ゲートを潜りダンジョンに入った影勝はギルドをスルーし、三階の森に来た。蒸し暑く、違法なダンジョン大麻畑があった森だ。
「ここでもヒール草はとれるし、なんならリニ草もいけるか?」
影勝はスキル【影のない男】を発動し歩きなれた森に突入した。あっちだあっち、とイングヴァルに誘導されヒール草を採取していく。薬草レーダーでも搭載しているのかと疑いたくなるほどイングヴァルは正確かつ的確に薬草の生息地に誘う。さすが植物オタクとほめておく。ドヤ顔がうるさい。
森を歩くこと二時間。影勝は以前見つけたリニ草の群生地、つまりダンジョン外の森と草原の境界にたどり着いた。地平線まで続く草原では見たことがない雑草類が風に揺れている。なお、イングヴァルが雑草というので影勝も雑草と思ったので他意はない。
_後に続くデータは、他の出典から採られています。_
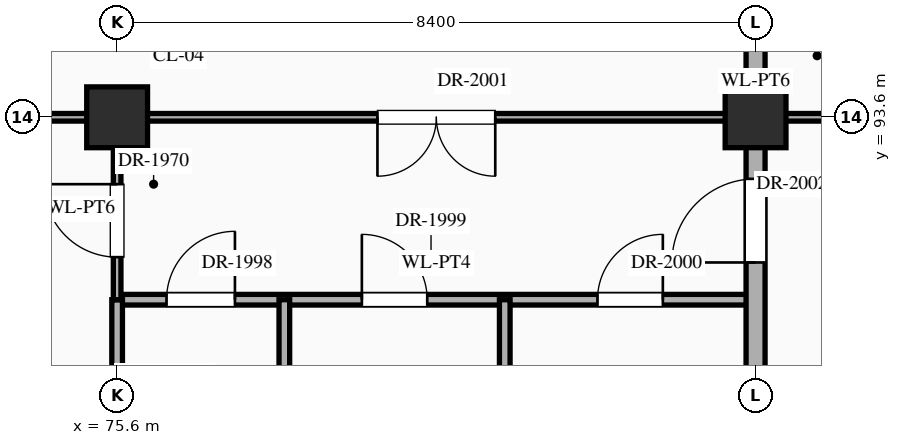
"""IFC4 building model, lengths in metres.
Left out: names, types, materials, properties, quantities, classifications, styles, units other than length and angle.
Written with IfcOpenShell. Run it as: python <this file> out.ifc"""

import sys

from ifc_helpers import new_model, si_unit, direction, frame, frame_2d, origin, origin_2d, place, context, subcontext, project, spatial, rectangle, extrude, element, fill, save


model = new_model("IFC4")
c1 = context("Model", 3, precision=1e-05, world=origin(), true_north=direction((0.0, 1.0)))
c2 = subcontext(c1, "Body", "Model", "MODEL_VIEW")
j1 = project(units=[si_unit("LENGTHUNIT", "METRE"), si_unit("PLANEANGLEUNIT", "RADIAN")], contexts=[c1])
p1 = place(None, origin())
s1 = spatial("IfcSite", under=j1, at=p1, CompositionType="ELEMENT")
p2 = place(p1, origin())
s2 = spatial("IfcBuilding", under=s1, at=p2, CompositionType="ELEMENT")
p3 = place(p2, frame((0.0, 0.0, 21.6)))
s3 = spatial("IfcBuildingStorey", under=s2, at=p3, CompositionType="ELEMENT", Elevation=21.6)
for number, where, z_axis, x_axis in (
    (1, (75.6, 93.6, 0.0), (0.0, 0.0, 1.0), (1.0, 0.0, 0.0)),
    (2, (84.0, 93.6, 0.0), (0.0, 0.0, 1.0), (1.0, 0.0, 0.0)),
):
    element("IfcColumn", number, at=place(p3, frame(where, z_axis=z_axis, x_axis=x_axis)), inside=s3, PredefinedType="COLUMN", context=c2, shape_type="SweptSolid", body=[
        extrude(rectangle(XDim=0.8, YDim=0.8, at=origin_2d()), origin(), (0.0, 0.0, 1.0), 4.5),
    ])
p4 = place(p3, frame((75.6, 91.2, 0.0), z_axis=(0.0, 0.0, 1.0), x_axis=(1.0, 0.0, 0.0)))
e3 = element("IfcWall", 3, at=p4, inside=s3, PredefinedType="STANDARD", context=c2, shape_type="SweptSolid", body=[
    extrude(rectangle(XDim=8.4, YDim=0.14, at=frame_2d((4.2, 0.0))), origin(), (0.0, 0.0, 1.0), 4.24),
])
p5 = place(p4, frame((0.65, 0.0, 0.0)))
e4 = element("IfcOpeningElement", 4, at=p5, cuts=e3, PredefinedType="OPENING", context=c2, shape_type="SweptSolid", body=[
    extrude(rectangle(XDim=0.9, YDim=2.15, at=frame_2d((0.45, 1.075))), frame((0.0, 0.082, 0.0), z_axis=(0.0, -1.0, 0.0), x_axis=(1.0, 0.0, 0.0)), (0.0, 0.0, 1.0), 0.164),
])
p6 = place(p4, frame((3.22, 0.0, 0.0)))
e5 = element("IfcOpeningElement", 5, at=p6, cuts=e3, PredefinedType="OPENING", context=c2, shape_type="SweptSolid", body=[
    extrude(rectangle(XDim=0.86, YDim=2.1, at=frame_2d((0.43, 1.05))), frame((0.0, 0.082, 0.0), z_axis=(0.0, -1.0, 0.0), x_axis=(1.0, 0.0, 0.0)), (0.0, 0.0, 1.0), 0.164),
])
p7 = place(p4, frame((6.32, 0.0, 0.0)))
e6 = element("IfcOpeningElement", 6, at=p7, cuts=e3, PredefinedType="OPENING", context=c2, shape_type="SweptSolid", body=[
    extrude(rectangle(XDim=0.86, YDim=2.1, at=frame_2d((0.43, 1.05))), frame((0.0, 0.082, 0.0), z_axis=(0.0, -1.0, 0.0), x_axis=(1.0, 0.0, 0.0)), (0.0, 0.0, 1.0), 0.164),
])
p8 = place(p3, frame((67.2, 93.6, 0.0), z_axis=(0.0, 0.0, 1.0), x_axis=(1.0, 0.0, 0.0)))
e7 = element("IfcWall", 7, at=p8, inside=s3, PredefinedType="STANDARD", context=c2, shape_type="SweptSolid", body=[
    extrude(rectangle(XDim=33.6, YDim=0.1, at=frame_2d((16.8, 0.0))), origin(), (0.0, 0.0, 1.0), 3.39),
])
p9 = place(p8, frame((3.425, 0.0, 0.0)))
e8 = element("IfcOpeningElement", 8, at=p9, cuts=e7, PredefinedType="OPENING", context=c2, shape_type="SweptSolid", body=[
    extrude(rectangle(XDim=1.55, YDim=2.35, at=frame_2d((0.775, 1.175))), frame((0.0, 0.062, 0.0), z_axis=(0.0, -1.0, 0.0), x_axis=(1.0, 0.0, 0.0)), (0.0, 0.0, 1.0), 0.124),
])
p10 = place(p8, frame((28.55, 0.0, 0.0)))
e9 = element("IfcOpeningElement", 9, at=p10, cuts=e7, PredefinedType="OPENING", context=c2, shape_type="SweptSolid", body=[
    extrude(rectangle(XDim=1.7, YDim=2.45, at=frame_2d((0.85, 1.225))), frame((0.0, 0.062, 0.0), z_axis=(0.0, -1.0, 0.0), x_axis=(1.0, 0.0, 0.0)), (0.0, 0.0, 1.0), 0.124),
])
p11 = place(p8, frame((11.825, 0.0, 0.0)))
e10 = element("IfcOpeningElement", 10, at=p11, cuts=e7, PredefinedType="OPENING", context=c2, shape_type="SweptSolid", body=[
    extrude(rectangle(XDim=1.55, YDim=2.35, at=frame_2d((0.775, 1.175))), frame((0.0, 0.062, 0.0), z_axis=(0.0, -1.0, 0.0), x_axis=(1.0, 0.0, 0.0)), (0.0, 0.0, 1.0), 0.124),
])
p12 = place(p8, frame((17.85, 0.0, 0.0)))
e11 = element("IfcOpeningElement", 11, at=p12, cuts=e7, PredefinedType="OPENING", context=c2, shape_type="SweptSolid", body=[
    extrude(rectangle(XDim=1.02, YDim=2.4, at=frame_2d((0.51, 1.2))), frame((0.0, 0.062, 0.0), z_axis=(0.0, -1.0, 0.0), x_axis=(1.0, 0.0, 0.0)), (0.0, 0.0, 1.0), 0.124),
])
p13 = place(p8, frame((20.47, 0.0, 0.0)))
e12 = element("IfcOpeningElement", 12, at=p13, cuts=e7, PredefinedType="OPENING", context=c2, shape_type="SweptSolid", body=[
    extrude(rectangle(XDim=1.06, YDim=2.4, at=frame_2d((0.53, 1.2))), frame((0.0, 0.062, 0.0), z_axis=(0.0, -1.0, 0.0), x_axis=(1.0, 0.0, 0.0)), (0.0, 0.0, 1.0), 0.124),
])
p14 = place(p8, frame((23.07, 0.0, 0.0)))
e13 = element("IfcOpeningElement", 13, at=p14, cuts=e7, PredefinedType="OPENING", context=c2, shape_type="SweptSolid", body=[
    extrude(rectangle(XDim=1.14, YDim=2.4, at=frame_2d((0.57, 1.2))), frame((0.0, 0.062, 0.0), z_axis=(0.0, -1.0, 0.0), x_axis=(1.0, 0.0, 0.0)), (0.0, 0.0, 1.0), 0.124),
])
p15 = place(p3, frame((75.6, 89.2, 0.0), z_axis=(0.0, 0.0, 1.0), x_axis=(0.0, 1.0, 0.0)))
e14 = element("IfcWall", 14, at=p15, inside=s3, PredefinedType="STANDARD", context=c2, shape_type="SweptSolid", body=[
    extrude(rectangle(XDim=2.0, YDim=0.14, at=frame_2d((1.0, 0.0))), origin(), (0.0, 0.0, 1.0), 3.49),
])
p16 = place(p3, frame((75.6, 91.2, 0.0), z_axis=(0.0, 0.0, 1.0), x_axis=(0.0, 1.0, 0.0)))
e15 = element("IfcWall", 15, at=p16, inside=s3, PredefinedType="STANDARD", context=c2, shape_type="SweptSolid", body=[
    extrude(rectangle(XDim=2.4, YDim=0.1, at=frame_2d((1.2, 0.0))), origin(), (0.0, 0.0, 1.0), 3.49),
])
p17 = place(p16, frame((0.56, 0.0, 0.0)))
e16 = element("IfcOpeningElement", 16, at=p17, cuts=e15, PredefinedType="OPENING", context=c2, shape_type="SweptSolid", body=[
    extrude(rectangle(XDim=0.96, YDim=2.2, at=frame_2d((0.48, 1.1))), frame((0.0, 0.062, 0.0), z_axis=(0.0, -1.0, 0.0), x_axis=(1.0, 0.0, 0.0)), (0.0, 0.0, 1.0), 0.124),
])
for number, where, z_axis, x_axis in (
    (17, (77.8, 86.4, 0.0), (0.0, 0.0, 1.0), (0.0, 1.0, 0.0)),
    (18, (80.7, 86.4, 0.0), (0.0, 0.0, 1.0), (0.0, 1.0, 0.0)),
):
    element("IfcWall", number, at=place(p3, frame(where, z_axis=z_axis, x_axis=x_axis)), inside=s3, PredefinedType="STANDARD", context=c2, shape_type="SweptSolid", body=[
        extrude(rectangle(XDim=4.8, YDim=0.14, at=frame_2d((2.4, 0.0))), origin(), (0.0, 0.0, 1.0), 4.24),
    ])
p18 = place(p3, frame((84.0, 79.24, 0.0), z_axis=(0.0, 0.0, 1.0), x_axis=(0.0, 1.0, 0.0)))
e19 = element("IfcWall", 19, at=p18, inside=s3, PredefinedType="STANDARD", context=c2, shape_type="SweptSolid", body=[
    extrude(rectangle(XDim=35.92, YDim=0.25, at=frame_2d((17.96, 0.0))), origin(), (0.0, 0.0, 1.0), 3.49),
])
p19 = place(p18, frame((22.72, 0.0, 0.0)))
e20 = element("IfcOpeningElement", 20, at=p19, cuts=e19, PredefinedType="OPENING", context=c2, shape_type="SweptSolid", body=[
    extrude(rectangle(XDim=1.6, YDim=2.3, at=frame_2d((0.8, 1.15))), frame((0.0, 0.137, 0.0), z_axis=(0.0, -1.0, 0.0), x_axis=(1.0, 0.0, 0.0)), (0.0, 0.0, 1.0), 0.274),
])
p20 = place(p18, frame((12.45, 0.0, 0.0)))
e21 = element("IfcOpeningElement", 21, at=p20, cuts=e19, PredefinedType="OPENING", context=c2, shape_type="SweptSolid", body=[
    extrude(rectangle(XDim=1.1, YDim=2.2, at=frame_2d((0.55, 1.1))), frame((0.0, 0.137, 0.0), z_axis=(0.0, -1.0, 0.0), x_axis=(1.0, 0.0, 0.0)), (0.0, 0.0, 1.0), 0.274),
])
p21 = place(p18, frame((15.245, 0.0, 0.0)))
e22 = element("IfcOpeningElement", 22, at=p21, cuts=e19, PredefinedType="OPENING", context=c2, shape_type="SweptSolid", body=[
    extrude(rectangle(XDim=0.95, YDim=2.15, at=frame_2d((0.475, 1.075))), frame((0.0, 0.137, 0.0), z_axis=(0.0, -1.0, 0.0), x_axis=(1.0, 0.0, 0.0)), (0.0, 0.0, 1.0), 0.274),
])
p22 = place(p18, frame((25.9, 0.0, 0.0)))
e23 = element("IfcOpeningElement", 23, at=p22, cuts=e19, PredefinedType="OPENING", context=c2, shape_type="SweptSolid", body=[
    extrude(rectangle(XDim=1.8, YDim=2.35, at=frame_2d((0.9, 1.175))), frame((0.0, 0.137, 0.0), z_axis=(0.0, -1.0, 0.0), x_axis=(1.0, 0.0, 0.0)), (0.0, 0.0, 1.0), 0.274),
])
p23 = place(p18, frame((29.62, 0.0, 0.0)))
e24 = element("IfcOpeningElement", 24, at=p23, cuts=e19, PredefinedType="OPENING", context=c2, shape_type="SweptSolid", body=[
    extrude(rectangle(XDim=1.0, YDim=2.2, at=frame_2d((0.5, 1.1))), frame((0.0, 0.137, 0.0), z_axis=(0.0, -1.0, 0.0), x_axis=(1.0, 0.0, 0.0)), (0.0, 0.0, 1.0), 0.274),
])
p24 = place(p18, frame((5.3, 0.0, 0.0)))
e25 = element("IfcOpeningElement", 25, at=p24, cuts=e19, PredefinedType="OPENING", context=c2, shape_type="SweptSolid", body=[
    extrude(rectangle(XDim=1.0, YDim=2.2, at=frame_2d((0.5, 1.1))), frame((0.0, 0.137, 0.0), z_axis=(0.0, -1.0, 0.0), x_axis=(1.0, 0.0, 0.0)), (0.0, 0.0, 1.0), 0.274),
])
p25 = place(p17, origin())
e26 = element("IfcDoor", 26, at=p25, inside=s3, OperationType="SINGLE_SWING_RIGHT", PredefinedType="DOOR", context=c2, shape_type="SweptSolid", body=[
    extrude(rectangle(XDim=0.96, YDim=2.2, at=frame_2d((0.48, 1.1))), frame((0.0, 0.025, 0.0), z_axis=(0.0, -1.0, 0.0), x_axis=(1.0, 0.0, 0.0)), (0.0, 0.0, 1.0), 0.05),
])
fill(e16, e26)
p26 = place(p5, origin())
e27 = element("IfcDoor", 27, at=p26, inside=s3, OperationType="SINGLE_SWING_RIGHT", PredefinedType="DOOR", context=c2, shape_type="SweptSolid", body=[
    extrude(rectangle(XDim=0.9, YDim=2.15, at=frame_2d((0.45, 1.075))), frame((0.0, 0.025, 0.0), z_axis=(0.0, -1.0, 0.0), x_axis=(1.0, 0.0, 0.0)), (0.0, 0.0, 1.0), 0.05),
])
fill(e4, e27)
p27 = place(p6, origin())
e28 = element("IfcDoor", 28, at=p27, inside=s3, OperationType="SINGLE_SWING_LEFT", PredefinedType="DOOR", context=c2, shape_type="SweptSolid", body=[
    extrude(rectangle(XDim=0.86, YDim=2.1, at=frame_2d((0.43, 1.05))), frame((0.0, 0.025, 0.0), z_axis=(0.0, -1.0, 0.0), x_axis=(1.0, 0.0, 0.0)), (0.0, 0.0, 1.0), 0.05),
])
fill(e5, e28)
p28 = place(p7, origin())
e29 = element("IfcDoor", 29, at=p28, inside=s3, OperationType="SINGLE_SWING_RIGHT", PredefinedType="DOOR", context=c2, shape_type="SweptSolid", body=[
    extrude(rectangle(XDim=0.86, YDim=2.1, at=frame_2d((0.43, 1.05))), frame((0.0, 0.025, 0.0), z_axis=(0.0, -1.0, 0.0), x_axis=(1.0, 0.0, 0.0)), (0.0, 0.0, 1.0), 0.05),
])
fill(e6, e29)
p29 = place(p11, frame((1.55, 0.0, 0.0), z_axis=(0.0, 0.0, 1.0), x_axis=(-1.0, 0.0, 0.0)))
e30 = element("IfcDoor", 30, at=p29, inside=s3, OperationType="DOUBLE_DOOR_SINGLE_SWING", PredefinedType="DOOR", context=c2, shape_type="SweptSolid", body=[
    extrude(rectangle(XDim=1.55, YDim=2.35, at=frame_2d((0.775, 1.175))), frame((0.0, 0.025, 0.0), z_axis=(0.0, -1.0, 0.0), x_axis=(1.0, 0.0, 0.0)), (0.0, 0.0, 1.0), 0.05),
])
fill(e10, e30)
p30 = place(p20, origin())
e31 = element("IfcDoor", 31, at=p30, inside=s3, OperationType="SINGLE_SWING_LEFT", PredefinedType="DOOR", context=c2, shape_type="SweptSolid", body=[
    extrude(rectangle(XDim=1.1, YDim=2.2, at=frame_2d((0.55, 1.1))), frame((0.0, 0.025, 0.0), z_axis=(0.0, -1.0, 0.0), x_axis=(1.0, 0.0, 0.0)), (0.0, 0.0, 1.0), 0.05),
])
fill(e21, e31)
save(model, sys.argv[1])

食べても苦いだけだそうだ。
遠慮はしたが半分以上採取したはずのリニ草はこれでもかと見せつけるように青々と茂っている。なんなら範囲が大きくなった気がしないでもない。
「生命力強すぎんだろ……ありがたくいただくけどさ」
一束がいくらになる、など考えない。考えると頭を抱えたくなるだけだ。
もうお金は沢山あるので追加で必要とはしていないが病気の人たちを助けるための薬の原料を持ち帰ると勝手にたまっていくのだ。赤十字や孤児院に寄付したほうがいいのかもしれない。
ナイフを地面に刺し、リニ草の周囲を切り取るように土ごと採取する。採取してはリュックに入れを繰り返す。
「ふぅ、しゃがんでの作業は汗をかきやすいな」
少し汗ばんできた影勝はスキルを解除して風にあたることにした。スキルを解除した瞬間、草原を駆け抜けた冷たい風が首元を撫でていく。濃い草のにおいが鼻をくすぐり、東北に住んでいた祖父の家を思い出す。
「割と気温が低いんだな。気持ちいいくらいだ」
影勝が肩の力を抜いて小さく息を吐いたとき、空からピーヒョロロという鳴き声が聞こえた。
「トビ、のわけないよな」
ここはダンジョンだし、と見上げた先には、ちょっとしたジェット旅客機ほどの大きさの鳥が、まさにトビのように羽を伸ばして気持ちよさそうに滑空していた。鋭いくちばしのまさに猛禽類という顔をしている。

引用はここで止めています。